Ivaldo had set out alone one Sunday in September 2024. Unfortunately, he hadn’t shared details of where he was headed with friends or family. The only clue to his whereabouts was the car that rescuers had found parked at the village of Castello di Pontechianale, in the Valle Varaita. From there, rescuers speculated, Ivaldo had probably gone to climb one of the two most prominent peaks of the Cottian alps – the jagged 3,841m-high (12,602ft) Monviso or its neighbour Visolotto, at 3,348m (10,984ft). This matched the last signal from his mobile phone, traced roughly in this area.

But this left the search and rescue teams with an enormous area to scour – the vast, rocky faces of each mountain have a number of routes leading to the summits from different sides. The whole area is criss-crossed by hundreds of miles of trails, explains Simone Bobbio, a spokesperson for the Mountain and Speleological Rescue Service of Piemonte.

The day Ivaldo went missing, excellent weather had attracted crowds on the most popular routes. No one had reported seeing him on the well-travelled paths. It meant that Ivaldo, a well-trained mountaineer, had probably gone to one of the more remote parts of the mountains.

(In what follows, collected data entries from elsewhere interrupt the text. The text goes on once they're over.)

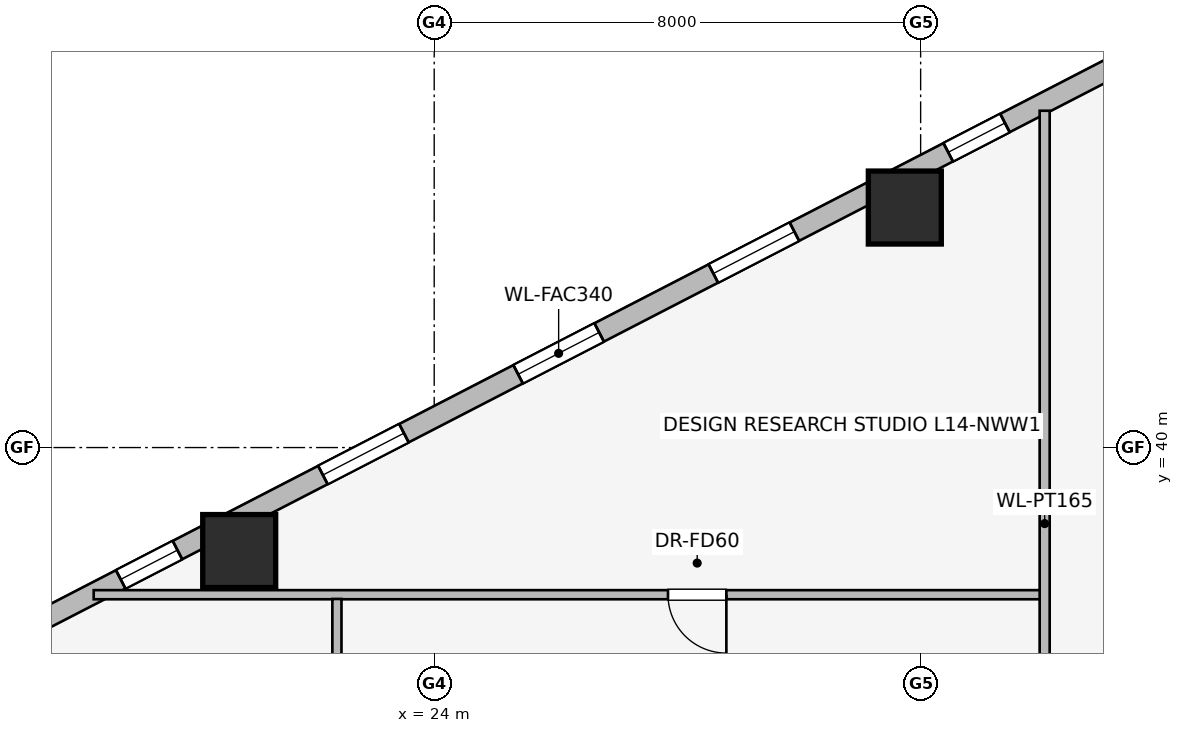
"""IFC4 building model, lengths in metres.
Left out: names, types, materials, properties, quantities, classifications, styles, units other than length and angle.
Written with IfcOpenShell. Run it as: python <this file> out.ifc"""

import sys

from ifc_helpers import new_model, si_unit, direction, frame, frame_2d, origin, origin_2d, place, context, subcontext, project, spatial, rectangle, extrude, element, fill, save


model = new_model("IFC4")
c1 = context("Model", 3, precision=1e-05, world=origin(), true_north=direction((0.0, 1.0)))
c2 = subcontext(c1, "Body", "Model", "MODEL_VIEW")
j1 = project(units=[si_unit("LENGTHUNIT", "METRE"), si_unit("PLANEANGLEUNIT", "RADIAN")], contexts=[c1])
p1 = place(None, origin())
s1 = spatial("IfcSite", under=j1, at=p1, CompositionType="ELEMENT")
p2 = place(p1, origin())
s2 = spatial("IfcBuilding", under=s1, at=p2, CompositionType="ELEMENT")
p3 = place(p2, frame((0.0, 0.0, 56.2)))
s3 = spatial("IfcBuildingStorey", under=s2, at=p3, CompositionType="ELEMENT", Elevation=56.2)
for number, where, z_axis, x_axis in (
    (1, (31.74, 43.947, 0.0), (0.0, 0.0, 1.0), (1.0, 0.0, 0.0)),
    (2, (20.793, 38.298, 0.0), (0.0, 0.0, 1.0), (1.0, 0.0, 0.0)),
):
    element("IfcColumn", number, at=place(p3, frame(where, z_axis=z_axis, x_axis=x_axis)), inside=s3, PredefinedType="COLUMN", context=c2, shape_type="SweptSolid", body=[
        extrude(rectangle(XDim=1.2, YDim=1.2, at=origin_2d()), origin(), (0.0, 0.0, 1.0), 3.65),
    ])
p4 = place(p3, frame((16.924, 36.841, 0.0), z_axis=(0.0, 0.0, 1.0), x_axis=(0.888634413993, 0.458616264721, 0.0)))
e3 = element("IfcWall", 3, at=p4, inside=s3, PredefinedType="STANDARD", context=c2, shape_type="SweptSolid", body=[
    extrude(rectangle(XDim=20.531, YDim=0.34, at=frame_2d((10.266, 0.0))), origin(), (0.0, 0.0, 1.0), 2.654),
])
p5 = place(p4, frame((2.161, 0.0, 0.75)))
e4 = element("IfcOpeningElement", 4, at=p5, cuts=e3, PredefinedType="OPENING", context=c2, shape_type="SweptSolid", body=[
    extrude(rectangle(XDim=1.05, YDim=1.4, at=frame_2d((0.525, 0.7))), frame((0.0, 0.18, 0.0), z_axis=(0.0, -1.0, 0.0), x_axis=(1.0, 0.0, 0.0)), (0.0, 0.0, 1.0), 0.36),
])
p6 = place(p4, frame((5.903, 0.0, 0.75)))
e5 = element("IfcOpeningElement", 5, at=p6, cuts=e3, PredefinedType="OPENING", context=c2, shape_type="SweptSolid", body=[
    extrude(rectangle(XDim=1.5, YDim=1.5, at=frame_2d((0.75, 0.75))), frame((0.0, 0.18, 0.0), z_axis=(0.0, -1.0, 0.0), x_axis=(1.0, 0.0, 0.0)), (0.0, 0.0, 1.0), 0.36),
])
p7 = place(p4, frame((9.516, 0.0, 0.75)))
e6 = element("IfcOpeningElement", 6, at=p7, cuts=e3, PredefinedType="OPENING", context=c2, shape_type="SweptSolid", body=[
    extrude(rectangle(XDim=1.5, YDim=1.5, at=frame_2d((0.75, 0.75))), frame((0.0, 0.18, 0.0), z_axis=(0.0, -1.0, 0.0), x_axis=(1.0, 0.0, 0.0)), (0.0, 0.0, 1.0), 0.36),
])
p8 = place(p4, frame((13.129, 0.0, 0.75)))
e7 = element("IfcOpeningElement", 7, at=p8, cuts=e3, PredefinedType="OPENING", context=c2, shape_type="SweptSolid", body=[
    extrude(rectangle(XDim=1.5, YDim=1.5, at=frame_2d((0.75, 0.75))), frame((0.0, 0.18, 0.0), z_axis=(0.0, -1.0, 0.0), x_axis=(1.0, 0.0, 0.0)), (0.0, 0.0, 1.0), 0.36),
])
p9 = place(p4, frame((17.476, 0.0, 0.75)))
e8 = element("IfcOpeningElement", 8, at=p9, cuts=e3, PredefinedType="OPENING", context=c2, shape_type="SweptSolid", body=[
    extrude(rectangle(XDim=1.05, YDim=1.4, at=frame_2d((0.525, 0.7))), frame((0.0, 0.18, 0.0), z_axis=(0.0, -1.0, 0.0), x_axis=(1.0, 0.0, 0.0)), (0.0, 0.0, 1.0), 0.36),
])
p10 = place(p3, frame((34.0, 37.58, 0.0), z_axis=(0.0, 0.0, 1.0), x_axis=(-1.0, 0.0, 0.0)))
e9 = element("IfcWall", 9, at=p10, inside=s3, PredefinedType="PARTITIONING", context=c2, shape_type="SweptSolid", body=[
    extrude(rectangle(XDim=15.6, YDim=0.15, at=frame_2d((7.8, 0.0))), origin(), (0.0, 0.0, 1.0), 3.36),
])
p11 = place(p10, frame((5.195, 0.0, 0.0)))
e10 = element("IfcOpeningElement", 10, at=p11, cuts=e9, PredefinedType="OPENING", context=c2, shape_type="SweptSolid", body=[
    extrude(rectangle(XDim=0.96, YDim=2.0, at=frame_2d((0.48, 1.0))), frame((0.0, 0.085, 0.0), z_axis=(0.0, -1.0, 0.0), x_axis=(1.0, 0.0, 0.0)), (0.0, 0.0, 1.0), 0.17),
])
p12 = place(p3, frame((34.04, 31.96, 0.0), z_axis=(0.0, 0.0, 1.0), x_axis=(0.0, 1.0, 0.0)))
e11 = element("IfcWall", 11, at=p12, inside=s3, PredefinedType="PARTITIONING", context=c2, shape_type="SweptSolid", body=[
    extrude(rectangle(XDim=13.579, YDim=0.165, at=frame_2d((6.79, 0.0))), origin(), (0.0, 0.0, 1.0), 3.36),
])
p13 = place(p3, frame((22.4, 36.08, 0.0), z_axis=(0.0, 0.0, 1.0), x_axis=(0.0, 1.0, 0.0)))
e12 = element("IfcWall", 12, at=p13, inside=s3, PredefinedType="PARTITIONING", context=c2, shape_type="SweptSolid", body=[
    extrude(rectangle(XDim=1.43, YDim=0.15, at=frame_2d((0.715, 0.0))), origin(), (0.0, 0.0, 1.0), 3.36),
])
p14 = place(p5, origin())
e13 = element("IfcWindow", 13, at=p14, inside=s3, PartitioningType="SINGLE_PANEL", PredefinedType="WINDOW", context=c2, shape_type="SweptSolid", body=[
    extrude(rectangle(XDim=1.05, YDim=1.4, at=frame_2d((0.525, 0.7))), frame((0.0, 0.03, 0.0), z_axis=(0.0, -1.0, 0.0), x_axis=(1.0, 0.0, 0.0)), (0.0, 0.0, 1.0), 0.06),
])
fill(e4, e13)
p15 = place(p6, origin())
e14 = element("IfcWindow", 14, at=p15, inside=s3, PartitioningType="SINGLE_PANEL", PredefinedType="WINDOW", context=c2, shape_type="SweptSolid", body=[
    extrude(rectangle(XDim=1.5, YDim=1.5, at=frame_2d((0.75, 0.75))), frame((0.0, 0.03, 0.0), z_axis=(0.0, -1.0, 0.0), x_axis=(1.0, 0.0, 0.0)), (0.0, 0.0, 1.0), 0.06),
])
fill(e5, e14)
p16 = place(p7, origin())
e15 = element("IfcWindow", 15, at=p16, inside=s3, PartitioningType="SINGLE_PANEL", PredefinedType="WINDOW", context=c2, shape_type="SweptSolid", body=[
    extrude(rectangle(XDim=1.5, YDim=1.5, at=frame_2d((0.75, 0.75))), frame((0.0, 0.03, 0.0), z_axis=(0.0, -1.0, 0.0), x_axis=(1.0, 0.0, 0.0)), (0.0, 0.0, 1.0), 0.06),
])
fill(e6, e15)
p17 = place(p8, origin())
e16 = element("IfcWindow", 16, at=p17, inside=s3, PartitioningType="SINGLE_PANEL", PredefinedType="WINDOW", context=c2, shape_type="SweptSolid", body=[
    extrude(rectangle(XDim=1.5, YDim=1.5, at=frame_2d((0.75, 0.75))), frame((0.0, 0.03, 0.0), z_axis=(0.0, -1.0, 0.0), x_axis=(1.0, 0.0, 0.0)), (0.0, 0.0, 1.0), 0.06),
])
fill(e7, e16)
p18 = place(p9, origin())
e17 = element("IfcWindow", 17, at=p18, inside=s3, PartitioningType="SINGLE_PANEL", PredefinedType="WINDOW", context=c2, shape_type="SweptSolid", body=[
    extrude(rectangle(XDim=1.05, YDim=1.4, at=frame_2d((0.525, 0.7))), frame((0.0, 0.03, 0.0), z_axis=(0.0, -1.0, 0.0), x_axis=(1.0, 0.0, 0.0)), (0.0, 0.0, 1.0), 0.06),
])
fill(e8, e17)
p19 = place(p11, origin())
e18 = element("IfcDoor", 18, at=p19, inside=s3, OperationType="SINGLE_SWING_LEFT", PredefinedType="DOOR", context=c2, shape_type="SweptSolid", body=[
    extrude(rectangle(XDim=0.96, YDim=2.0, at=frame_2d((0.48, 1.0))), frame((0.0, 0.025, 0.0), z_axis=(0.0, -1.0, 0.0), x_axis=(1.0, 0.0, 0.0)), (0.0, 0.0, 1.0), 0.05),
])
fill(e10, e18)
save(model, sys.argv[1])

More than fifty rescuers searched the area on foot for nearly a week, while a helicopter flew multiple sorties in the hope of spotting him from the air. By the time the early snow arrived in late September, any hope of finding him alive had faded and they aborted the search.

In July 2025, however, the search for Ivaldo's body resumed after the snow had largely melted from steep mountain gullies, or couloirs.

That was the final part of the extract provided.